Although he is encouraged by developments in VGI, Michael Goodchild, professor of geography at the University of California at Santa Barbara, warns about future problems that will need to be overcome.
First, most domestic VGI efforts use underlying government-collected geographic data, he said. Although most government-collected geographic data is placed in the public domain, since the 2001 terrorist attacks, much of the best data is being held “behind the national security firewall.”
“Over the past 10 years, there has been a real shift from domestic mapping in the hands of the U.S. Geological Survey outside the national security firewall to domestic mapping in the hands of the National Geospatial-Intelligence Agency,” Goodchild said. “That has really changed the landscape dramatically.”

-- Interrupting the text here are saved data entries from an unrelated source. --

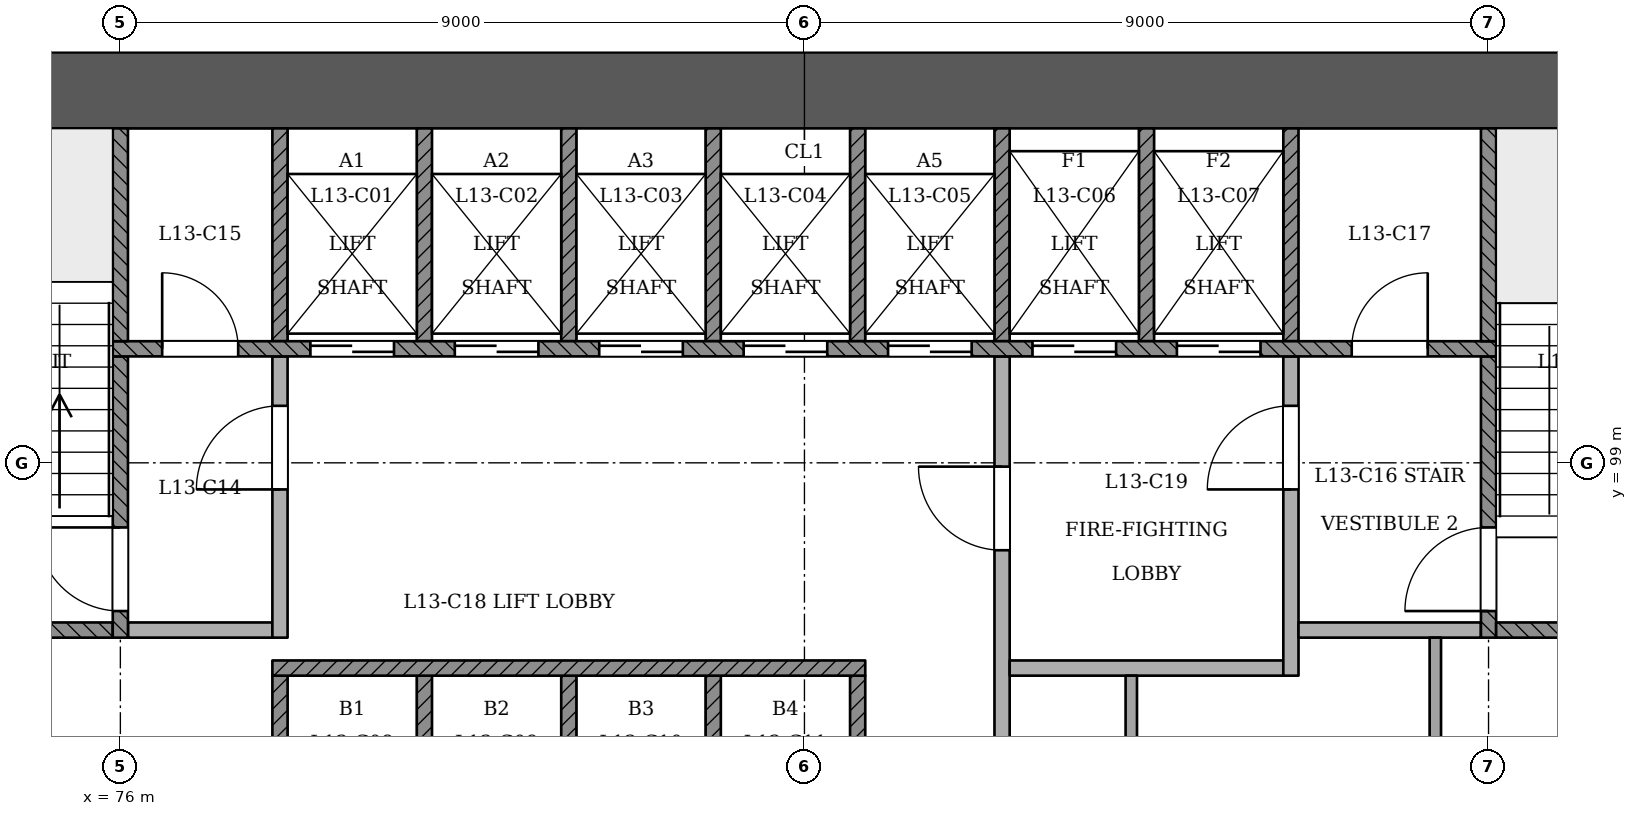
"""IFC4 building model, lengths in metres.
Left out: names, types, materials, properties, quantities, classifications, styles, units other than length and angle.
Written with IfcOpenShell. Run it as: python <this file> out.ifc"""

import sys

from ifc_helpers import new_model, si_unit, direction, frame, frame_2d, origin, place, context, subcontext, project, spatial, rectangle, extrude, element, fill, save


model = new_model("IFC4")
c1 = context("Model", 3, precision=1e-05, world=origin(), true_north=direction((0.0, 1.0)))
c2 = subcontext(c1, "Body", "Model", "MODEL_VIEW")
j1 = project(units=[si_unit("LENGTHUNIT", "METRE"), si_unit("PLANEANGLEUNIT", "RADIAN")], contexts=[c1])
p1 = place(None, origin())
s1 = spatial("IfcSite", under=j1, at=p1, CompositionType="ELEMENT")
p2 = place(p1, origin())
s2 = spatial("IfcBuilding", under=s1, at=p2, CompositionType="ELEMENT")
p3 = place(p2, frame((0.0, 0.0, 55.8)))
s3 = spatial("IfcBuildingStorey", under=s2, at=p3, CompositionType="ELEMENT", Elevation=55.8)
p4 = place(p3, frame((97.5, 103.9, 0.0), z_axis=(0.0, 0.0, 1.0), x_axis=(-1.0, 0.0, 0.0)))
e1 = element("IfcWall", 1, at=p4, inside=s3, PredefinedType="SHEAR", context=c2, shape_type="SweptSolid", body=[
    extrude(rectangle(XDim=25.5, YDim=1.0, at=frame_2d((12.75, 0.0))), origin(), (0.0, 0.0, 1.0), 3.6),
])
p5 = place(p3, frame((85.99, 58.932, 0.0), z_axis=(0.0, 0.0, 1.0), x_axis=(0.500001547762, 0.866024510182, 0.0)))
e2 = element("IfcWall", 2, at=p5, inside=s3, PredefinedType="PARTITIONING", context=c2, shape_type="SweptSolid", body=[
    extrude(rectangle(XDim=42.454, YDim=0.15, at=frame_2d((21.227, 0.0))), origin(), (0.0, 0.0, 1.0), 2.7),
])
p6 = place(p5, frame((3.577, 0.0, 0.0)))
e3 = element("IfcOpeningElement", 3, at=p6, cuts=e2, PredefinedType="OPENING", context=c2, shape_type="SweptSolid", body=[
    extrude(rectangle(XDim=1.2, YDim=2.1, at=frame_2d((0.6, 1.05))), frame((0.0, 0.085, 0.0), z_axis=(0.0, -1.0, 0.0), x_axis=(1.0, 0.0, 0.0)), (0.0, 0.0, 1.0), 0.171),
])
p7 = place(p5, frame((11.134, 0.0, 0.0)))
e4 = element("IfcOpeningElement", 4, at=p7, cuts=e2, PredefinedType="OPENING", context=c2, shape_type="SweptSolid", body=[
    extrude(rectangle(XDim=1.0, YDim=2.1, at=frame_2d((0.5, 1.05))), frame((0.0, 0.085, 0.0), z_axis=(0.0, -1.0, 0.0), x_axis=(1.0, 0.0, 0.0)), (0.0, 0.0, 1.0), 0.171),
])
p8 = place(p5, frame((13.575, 0.0, 0.0)))
e5 = element("IfcOpeningElement", 5, at=p8, cuts=e2, PredefinedType="OPENING", context=c2, shape_type="SweptSolid", body=[
    extrude(rectangle(XDim=1.0, YDim=2.1, at=frame_2d((0.5, 1.05))), frame((0.0, 0.085, 0.0), z_axis=(0.0, -1.0, 0.0), x_axis=(1.0, 0.0, 0.0)), (0.0, 0.0, 1.0), 0.171),
])
p9 = place(p5, frame((20.134, 0.0, 0.0)))
e6 = element("IfcOpeningElement", 6, at=p9, cuts=e2, PredefinedType="OPENING", context=c2, shape_type="SweptSolid", body=[
    extrude(rectangle(XDim=1.0, YDim=2.1, at=frame_2d((0.5, 1.05))), frame((0.0, 0.085, 0.0), z_axis=(0.0, -1.0, 0.0), x_axis=(1.0, 0.0, 0.0)), (0.0, 0.0, 1.0), 0.171),
])
p10 = place(p5, frame((22.575, 0.0, 0.0)))
e7 = element("IfcOpeningElement", 7, at=p10, cuts=e2, PredefinedType="OPENING", context=c2, shape_type="SweptSolid", body=[
    extrude(rectangle(XDim=1.0, YDim=2.1, at=frame_2d((0.5, 1.05))), frame((0.0, 0.085, 0.0), z_axis=(0.0, -1.0, 0.0), x_axis=(1.0, 0.0, 0.0)), (0.0, 0.0, 1.0), 0.171),
])
p11 = place(p5, frame((29.134, 0.0, 0.0)))
e8 = element("IfcOpeningElement", 8, at=p11, cuts=e2, PredefinedType="OPENING", context=c2, shape_type="SweptSolid", body=[
    extrude(rectangle(XDim=1.0, YDim=2.1, at=frame_2d((0.5, 1.05))), frame((0.0, 0.085, 0.0), z_axis=(0.0, -1.0, 0.0), x_axis=(1.0, 0.0, 0.0)), (0.0, 0.0, 1.0), 0.171),
])
p12 = place(p5, frame((31.575, 0.0, 0.0)))
e9 = element("IfcOpeningElement", 9, at=p12, cuts=e2, PredefinedType="OPENING", context=c2, shape_type="SweptSolid", body=[
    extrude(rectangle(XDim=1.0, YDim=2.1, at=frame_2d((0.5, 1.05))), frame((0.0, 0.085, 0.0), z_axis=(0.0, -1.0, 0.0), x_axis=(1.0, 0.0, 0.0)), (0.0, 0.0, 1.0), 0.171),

Another unresolved problem is how to maintain public geographic databases after the initial data collection and between any major crises. “The interest of volunteers tends to fall off,” Goodchild said. “So there's an interesting question as to who updates. You can see this with OpenStreetMaps, for example. It has always been a problem of cartography.”
Finally, Goodchild warns that as public geographic efforts gain in profile, they can become targets. “After a while the thing becomes permanent enough that it attracts malicious misuse,” he said. “We've seen that with Wikimapia. Some people play games with it.”